Kundenspezifische Diodenlaser und UV-LEDs – vom Chip bis zum einsatzfähigen System
LiDAR-Pulslaserquelle für den Automobilbereich. Das Inset zeigt die Rippelwellenleiter-Laserdiode mit Hochfrequenz-Ansteuerung. | © FBH/P. Immerz; Inset: FBH/schurian.com
FBH – 19.12.2018:

Kundenspezifische Diodenlaser und UV-LEDs – vom Chip bis zum einsatzfähigen System

Das FBH stellt auf der Photonics West 2019 seine Neu- und Weiterentwicklungen bei Diodenlasern vor. Die flexiblen und kompakten Lichtquellen werden u.a. in den Bereichen LiDAR, Medizin und (Raman)-Spektroskopie eingesetzt. Ergebnisse und Fortschritte bei UV-LEDs präsentiert das FBH gemeinsam mit dem Spin-off UVphotonics.

Das Ferdinand-Braun-Institut, Leibniz-Institut für Höchstfrequenztechnik (FBH) präsentiert auf der Photonics West 2019 in San Francisco (USA) vom 5. bis 7. Februar 2019 Neu- und Weiterentwicklungen seiner Diodenlaser und UV-Leuchtdioden (LEDs). Auf dem deutschen Gemeinschaftsstand (German Pavilion) zeigt das Institut sein gesamtes Leistungsspektrum, vom Design über Chips bis hin zu Modulen und System-Prototypen. Auch auf den begleitenden Konferenzen (2. bis 7. Februar) ist das FBH mit 20 wissenschaftlichen Beiträgen sichtbar vertreten. Einer der F&E-Schwerpunkte des FBH liegt auf Hochleistungsdiodenlasern, die zur direkten Materialbearbeitung und als Pumpquellen genutzt werden. In seinem Plenarvortrag gibt FBH-Direktor Günther Tränkle einen Überblick über aktuelle Designverbesserungen, mit denen sich Effizienz, Spitzenleistung, Brillanz und Bandbreite der Emissionsspektren steigern lassen.
Auf dem Messestand zeigt das FBH unter anderem folgenden Exponate:

Autarke, PC-steuerbare Pulslaserquellen

Das FBH bietet flexible Laserquellen, die Pulse im Bereich von 200 ps bis 20 ns liefern – die zugehörigen Systeme können flexibel mit Diodenlasern weiterer Wellenlängen und Leistungsbereiche bestückt werden. Unter anderem wurden für LiDAR-Systeme im Automobilbereich wellenlängenstabilisierte Laserdioden entwickelt, die 5 ns Pulse mit 40 W Pulsleistung um 905 nm bei guter Strahlqualität und bis zu 85°C emittieren. 3-Emitter-Laserchips, deren Emission sich unkompliziert mithilfe von Optiken auf einen einzigen Punkt kombinieren lässt, liefern bis zu 100 W. Diese Chips können mit FBH-Treibern oder als autarke, computergesteuerte Laserquelle geliefert werden.
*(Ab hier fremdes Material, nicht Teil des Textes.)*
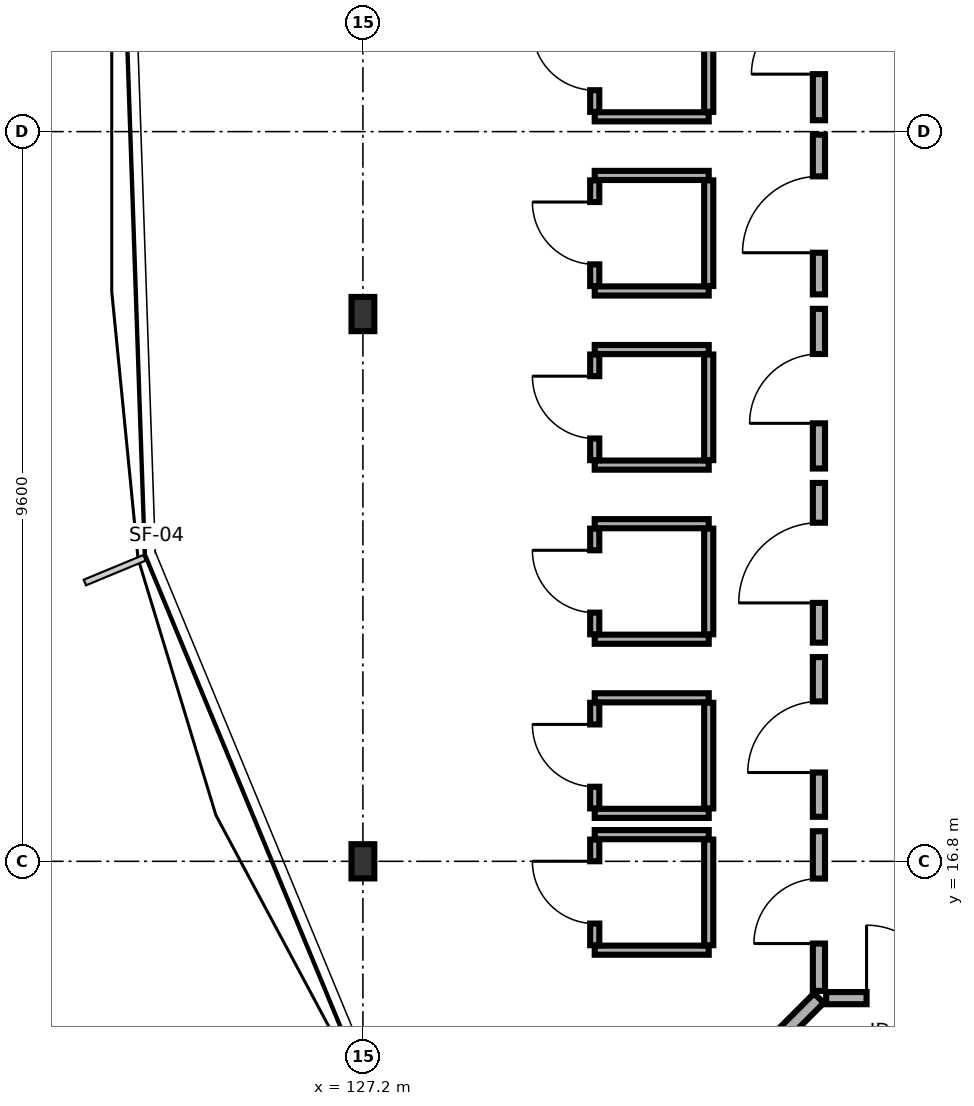
"""IFC4 building model, lengths in metres.
Left out: names, types, materials, properties, quantities, classifications, styles, units other than length and angle.
Written with IfcOpenShell. Run it as: python <this file> out.ifc"""

import sys

from ifc_helpers import new_model, si_unit, direction, frame, frame_2d, origin, origin_2d, place, context, subcontext, project, spatial, rectangle, i_section, extrude, element, fill, save


model = new_model("IFC4")
c1 = context("Model", 3, precision=1e-05, world=origin(), true_north=direction((0.0, 1.0)))
c2 = subcontext(c1, "Body", "Model", "MODEL_VIEW")
j1 = project(units=[si_unit("LENGTHUNIT", "METRE"), si_unit("PLANEANGLEUNIT", "RADIAN")], contexts=[c1])
p1 = place(None, origin())
s1 = spatial("IfcSite", under=j1, at=p1, CompositionType="ELEMENT")
p2 = place(p1, origin())
s2 = spatial("IfcBuilding", under=s1, at=p2, CompositionType="ELEMENT")
p3 = place(p2, frame((0.0, 0.0, 28.3)))
s3 = spatial("IfcBuildingStorey", under=s2, at=p3, CompositionType="ELEMENT", Elevation=28.3)
for number, where, z_axis, x_axis in (
    (1, (127.2, 24.0, 0.0), (0.0, 0.0, 1.0), (1.0, 0.0, 0.0)),
    (2, (127.2, 16.8, 0.0), (0.0, 0.0, 1.0), (1.0, 0.0, 0.0)),
):
    element("IfcColumn", number, at=place(p3, frame(where, z_axis=z_axis, x_axis=x_axis)), inside=s3, PredefinedType="COLUMN", context=c2, shape_type="SweptSolid", body=[
        extrude(i_section(OverallWidth=0.3, OverallDepth=0.45, WebThickness=0.014, FlangeThickness=0.026, FilletRadius=0.027, at=origin_2d()), origin(), (0.0, 0.0, 1.0), 3.4),
    ])
p4 = place(p3, frame((133.295, 15.0, 0.0), z_axis=(0.0, 0.0, 1.0), x_axis=(1.0, 0.0, 0.0)))
e3 = element("IfcWall", 3, at=p4, inside=s3, PredefinedType="PARTITIONING", context=c2, shape_type="SweptSolid", body=[
    extrude(rectangle(XDim=2.024, YDim=0.16, at=frame_2d((1.012, 0.0))), origin(), (0.0, 0.0, 1.0), 3.175),
])
p5 = place(p4, frame((0.532, 0.0, 0.0)))
e4 = element("IfcOpeningElement", 4, at=p5, cuts=e3, PredefinedType="OPENING", context=c2, shape_type="SweptSolid", body=[
    extrude(rectangle(XDim=0.96, YDim=2.13, at=frame_2d((0.48, 1.065))), frame((0.0, 0.09, 0.0), z_axis=(0.0, -1.0, 0.0), x_axis=(1.0, 0.0, 0.0)), (0.0, 0.0, 1.0), 0.18),
])
p6 = place(p3, frame((133.2, 15.0, 0.0), z_axis=(0.0, 0.0, 1.0), x_axis=(-0.707082692656, -0.707130868897, 0.0)))
e5 = element("IfcWall", 5, at=p6, inside=s3, PredefinedType="PARTITIONING", context=c2, shape_type="SweptSolid", body=[
    extrude(rectangle(XDim=5.068, YDim=0.18, at=frame_2d((2.534, 0.0))), origin(), (0.0, 0.0, 1.0), 2.66),
])
p7 = place(p3, frame((133.2, 26.55, 0.0), z_axis=(0.0, 0.0, 1.0), x_axis=(0.0, 1.0, 0.0)))
e6 = element("IfcWall", 6, at=p7, inside=s3, PredefinedType="PARTITIONING", context=c2, shape_type="SweptSolid", body=[
    extrude(rectangle(XDim=2.101, YDim=0.16, at=frame_2d((1.05, 0.0))), origin(), (0.0, 0.0, 1.0), 3.175),
])
p8 = place(p7, frame((0.606, 0.0, 0.0)))
e7 = element("IfcOpeningElement", 7, at=p8, cuts=e6, PredefinedType="OPENING", context=c2, shape_type="SweptSolid", body=[
    extrude(rectangle(XDim=0.888, YDim=2.07, at=frame_2d((0.444, 1.035))), frame((0.0, 0.09, 0.0), z_axis=(0.0, -1.0, 0.0), x_axis=(1.0, 0.0, 0.0)), (0.0, 0.0, 1.0), 0.18),
])
p9 = place(p3, frame((130.25, 26.594, 0.0), z_axis=(0.0, 0.0, 1.0), x_axis=(1.0, 0.0, 0.0)))
e8 = element("IfcWall", 8, at=p9, inside=s3, PredefinedType="PARTITIONING", context=c2, shape_type="SweptSolid", body=[
    extrude(rectangle(XDim=1.5, YDim=0.12, at=frame_2d((0.75, 0.0))), origin(), (0.0, 0.0, 1.0), 3.175),
])
p10 = place(p3, frame((130.25, 26.66, 0.0), z_axis=(0.0, 0.0, 1.0), x_axis=(0.0, 1.0, 0.0)))
e9 = element("IfcWall", 9, at=p10, inside=s3, PredefinedType="PARTITIONING", context=c2, shape_type="SweptSolid", body=[
    extrude(rectangle(XDim=1.39, YDim=0.12, at=frame_2d((0.695, 0.0))), origin(), (0.0, 0.0, 1.0), 3.175),
])
p11 = place(p10, frame((0.285, 0.0, 0.0)))
e10 = element("IfcOpeningElement", 10, at=p11, cuts=e9, PredefinedType="OPENING", context=c2, shape_type="SweptSolid", body=[
    extrude(rectangle(XDim=0.82, YDim=2.08, at=frame_2d((0.41, 1.04))), frame((0.0, 0.07, 0.0), z_axis=(0.0, -1.0, 0.0), x_axis=(1.0, 0.0, 0.0)), (0.0, 0.0, 1.0), 0.14),
])
p12 = place(p3, frame((131.75, 26.66, 0.0), z_axis=(0.0, 0.0, 1.0), x_axis=(0.0, 1.0, 0.0)))
e11 = element("IfcWall", 11, at=p12, inside=s3, PredefinedType="PARTITIONING", context=c2, shape_type="SweptSolid", body=[
    extrude(rectangle(XDim=1.39, YDim=0.12, at=frame_2d((0.695, 0.0))), origin(), (0.0, 0.0, 1.0), 3.175),
])
p13 = place(p3, frame((133.2, 24.259, 0.0), z_axis=(0.0, 0.0, 1.0), x_axis=(0.0, 1.0, 0.0)))
e12 = element("IfcWall", 12, at=p13, inside=s3, PredefinedType="PARTITIONING", context=c2, shape_type="SweptSolid", body=[
    extrude(rectangle(XDim=2.101, YDim=0.16, at=frame_2d((1.051, 0.0))), origin(), (0.0, 0.0, 1.0), 3.175),
])
p14 = place(p13, frame((0.548, 0.0, 0.0)))
e13 = element("IfcOpeningElement", 13, at=p14, cuts=e12, PredefinedType="OPENING", context=c2, shape_type="SweptSolid", body=[
    extrude(rectangle(XDim=1.005, YDim=2.05, at=frame_2d((0.502, 1.025))), frame((0.0, 0.09, 0.0), z_axis=(0.0, -1.0, 0.0), x_axis=(1.0, 0.0, 0.0)), (0.0, 0.0, 1.0), 0.18),
])
for number, where, z_axis, x_axis in (
    (14, (130.25, 24.304, 0.0), (0.0, 0.0, 1.0), (1.0, 0.0, 0.0)),
    (15, (130.25, 25.823, 0.0), (0.0, 0.0, 1.0), (1.0, 0.0, 0.0)),
):
    element("IfcWall", number, at=place(p3, frame(where, z_axis=z_axis, x_axis=x_axis)), inside=s3, PredefinedType="PARTITIONING", context=c2, shape_type="SweptSolid", body=[
        extrude(rectangle(XDim=1.5, YDim=0.12, at=frame_2d((0.75, 0.0))), origin(), (0.0, 0.0, 1.0), 3.175),
    ])
p15 = place(p3, frame((130.25, 24.369, 0.0), z_axis=(0.0, 0.0, 1.0), x_axis=(0.0, 1.0, 0.0)))
e16 = element("IfcWall", 16, at=p15, inside=s3, PredefinedType="PARTITIONING", context=c2, shape_type="SweptSolid", body=[
    extrude(rectangle(XDim=1.39, YDim=0.12, at=frame_2d((0.695, 0.0))), origin(), (0.0, 0.0, 1.0), 3.175),
])
p16 = place(p15, frame((0.285, 0.0, 0.0)))
e17 = element("IfcOpeningElement", 17, at=p16, cuts=e16, PredefinedType="OPENING", context=c2, shape_type="SweptSolid", body=[
    extrude(rectangle(XDim=0.82, YDim=2.08, at=frame_2d((0.41, 1.04))), frame((0.0, 0.07, 0.0), z_axis=(0.0, -1.0, 0.0), x_axis=(1.0, 0.0, 0.0)), (0.0, 0.0, 1.0), 0.14),
])
p17 = place(p3, frame((131.75, 24.369, 0.0), z_axis=(0.0, 0.0, 1.0), x_axis=(0.0, 1.0, 0.0)))
e18 = element("IfcWall", 18, at=p17, inside=s3, PredefinedType="PARTITIONING", context=c2, shape_type="SweptSolid", body=[
    extrude(rectangle(XDim=1.39, YDim=0.12, at=frame_2d((0.695, 0.0))), origin(), (0.0, 0.0, 1.0), 3.175),
])
p18 = place(p3, frame((133.2, 21.968, 0.0), z_axis=(0.0, 0.0, 1.0), x_axis=(0.0, 1.0, 0.0)))
e19 = element("IfcWall", 19, at=p18, inside=s3, PredefinedType="PARTITIONING", context=c2, shape_type="SweptSolid", body=[
    extrude(rectangle(XDim=2.101, YDim=0.16, at=frame_2d((1.05, 0.0))), origin(), (0.0, 0.0, 1.0), 2.71),
])
p19 = place(p18, frame((0.594, 0.0, 0.0)))
e20 = element("IfcOpeningElement", 20, at=p19, cuts=e19, PredefinedType="OPENING", context=c2, shape_type="SweptSolid", body=[
    extrude(rectangle(XDim=0.912, YDim=2.13, at=frame_2d((0.456, 1.065))), frame((0.0, 0.09, 0.0), z_axis=(0.0, -1.0, 0.0), x_axis=(1.0, 0.0, 0.0)), (0.0, 0.0, 1.0), 0.18),
])
for number, where, z_axis, x_axis in (
    (21, (130.25, 22.013, 0.0), (0.0, 0.0, 1.0), (1.0, 0.0, 0.0)),
    (22, (130.25, 23.533, 0.0), (0.0, 0.0, 1.0), (1.0, 0.0, 0.0)),
):
    element("IfcWall", number, at=place(p3, frame(where, z_axis=z_axis, x_axis=x_axis)), inside=s3, PredefinedType="PARTITIONING", context=c2, shape_type="SweptSolid", body=[
        extrude(rectangle(XDim=1.5, YDim=0.12, at=frame_2d((0.75, 0.0))), origin(), (0.0, 0.0, 1.0), 3.175),
    ])
p20 = place(p3, frame((130.25, 22.078, 0.0), z_axis=(0.0, 0.0, 1.0), x_axis=(0.0, 1.0, 0.0)))
e23 = element("IfcWall", 23, at=p20, inside=s3, PredefinedType="PARTITIONING", context=c2, shape_type="SweptSolid", body=[
    extrude(rectangle(XDim=1.39, YDim=0.12, at=frame_2d((0.695, 0.0))), origin(), (0.0, 0.0, 1.0), 3.175),
])
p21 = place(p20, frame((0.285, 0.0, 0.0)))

Ein weiteres vielseitiges, hochentwickeltes System ist das effiziente All-in-One-Pulslaser-system PLS. Es kombiniert selbst entwickelte optische und elektronische Halbleiterbauelemente und liefert ultrakurze Lichtimpulse von 5 - 15 ps. Das System bietet jede gewünschte Wiederholrate vom Hertz- bis in den MHz-Bereich; die Pulsspitzenleistung liegt bei > 20 W.

Miniaturisierte fasergekoppelte Diodenlaserquellen für biomedizinische und spektros-kopische Anwendungen

Das FBH hat kompakte Lasermodule für den gelben Spektralbereich von 532 nm bis 590 nm entwickelt, die Ausgangsleistungen im Wattbereich bieten. Sie basieren auf einem einzigen, nur 76 x 54 x 15 mm³ großen Gehäuse, wobei jede Lösung exakt auf die jeweilige Anwendung zugeschnitten wird. Die Module sind sowohl im CW- als auch im Pulsbetrieb für Behandlungen zur Fotokoagulation in der Augenheilkunde oder für den Einsatz in der Fluoreszenzspektroskopie bzw. STED-Mikroskopie verfügbar. Die hier vorgestellten Lasermodule bestehen aus einem vollständig halbleiterbasierten Master-Oszillator-Power-Amplifier (MOPA), der mit frequenzverdoppelten (PPLN) Kristallen kombiniert wird; optional können sie mit polarisationserhaltendem Faserausgang geliefert werden. Lasersysteme für medizinische Anwendungen können dank der neuen Lasermodule künftig von Rackgröße auf die Abmessungen eines Schuhkartons schrumpfen.

Portable Shifted Excitation Raman Difference Spectroscopy (SERDS) – vom Chip bis zur Applikation

Für schnelle SERDS-Messungen hat das FBH monolithische Zweiwellenlängen-Diodenlaser demonstriert, die abwechselnd Licht auf zwei leicht unterschiedlichen Wellenlängen um 785 nm sowie um 671 nm emittieren. Die y-förmigen DBR-Diodenlaser bieten eine zweiwellige Laseremission und Wellenlängenabstimmung über mehrere Nanometer – einfach durch Änderung des Heizstroms mit elektrisch regelbaren Mikroheizungen, die über den Gittern implementiert sind. Damit ist ein schneller Wechselbetrieb zwischen den beiden Laseremissionslinien möglich, wodurch sich Untersuchungszeiten auf wenige Millisekunden reduzieren lassen. Werden die Systeme mit Batterie, elektronischen Messgeräten und einer Softwareschnittstelle ergänzt, können sie für Vor-Ort-Messungen genutzt werden. Selbstentwickelte, tragbare Systeme wurden bereits erfolgreich bei Messungen an Lebensmitteln, Böden, Pflanzen und der menschlichen Haut eingesetzt.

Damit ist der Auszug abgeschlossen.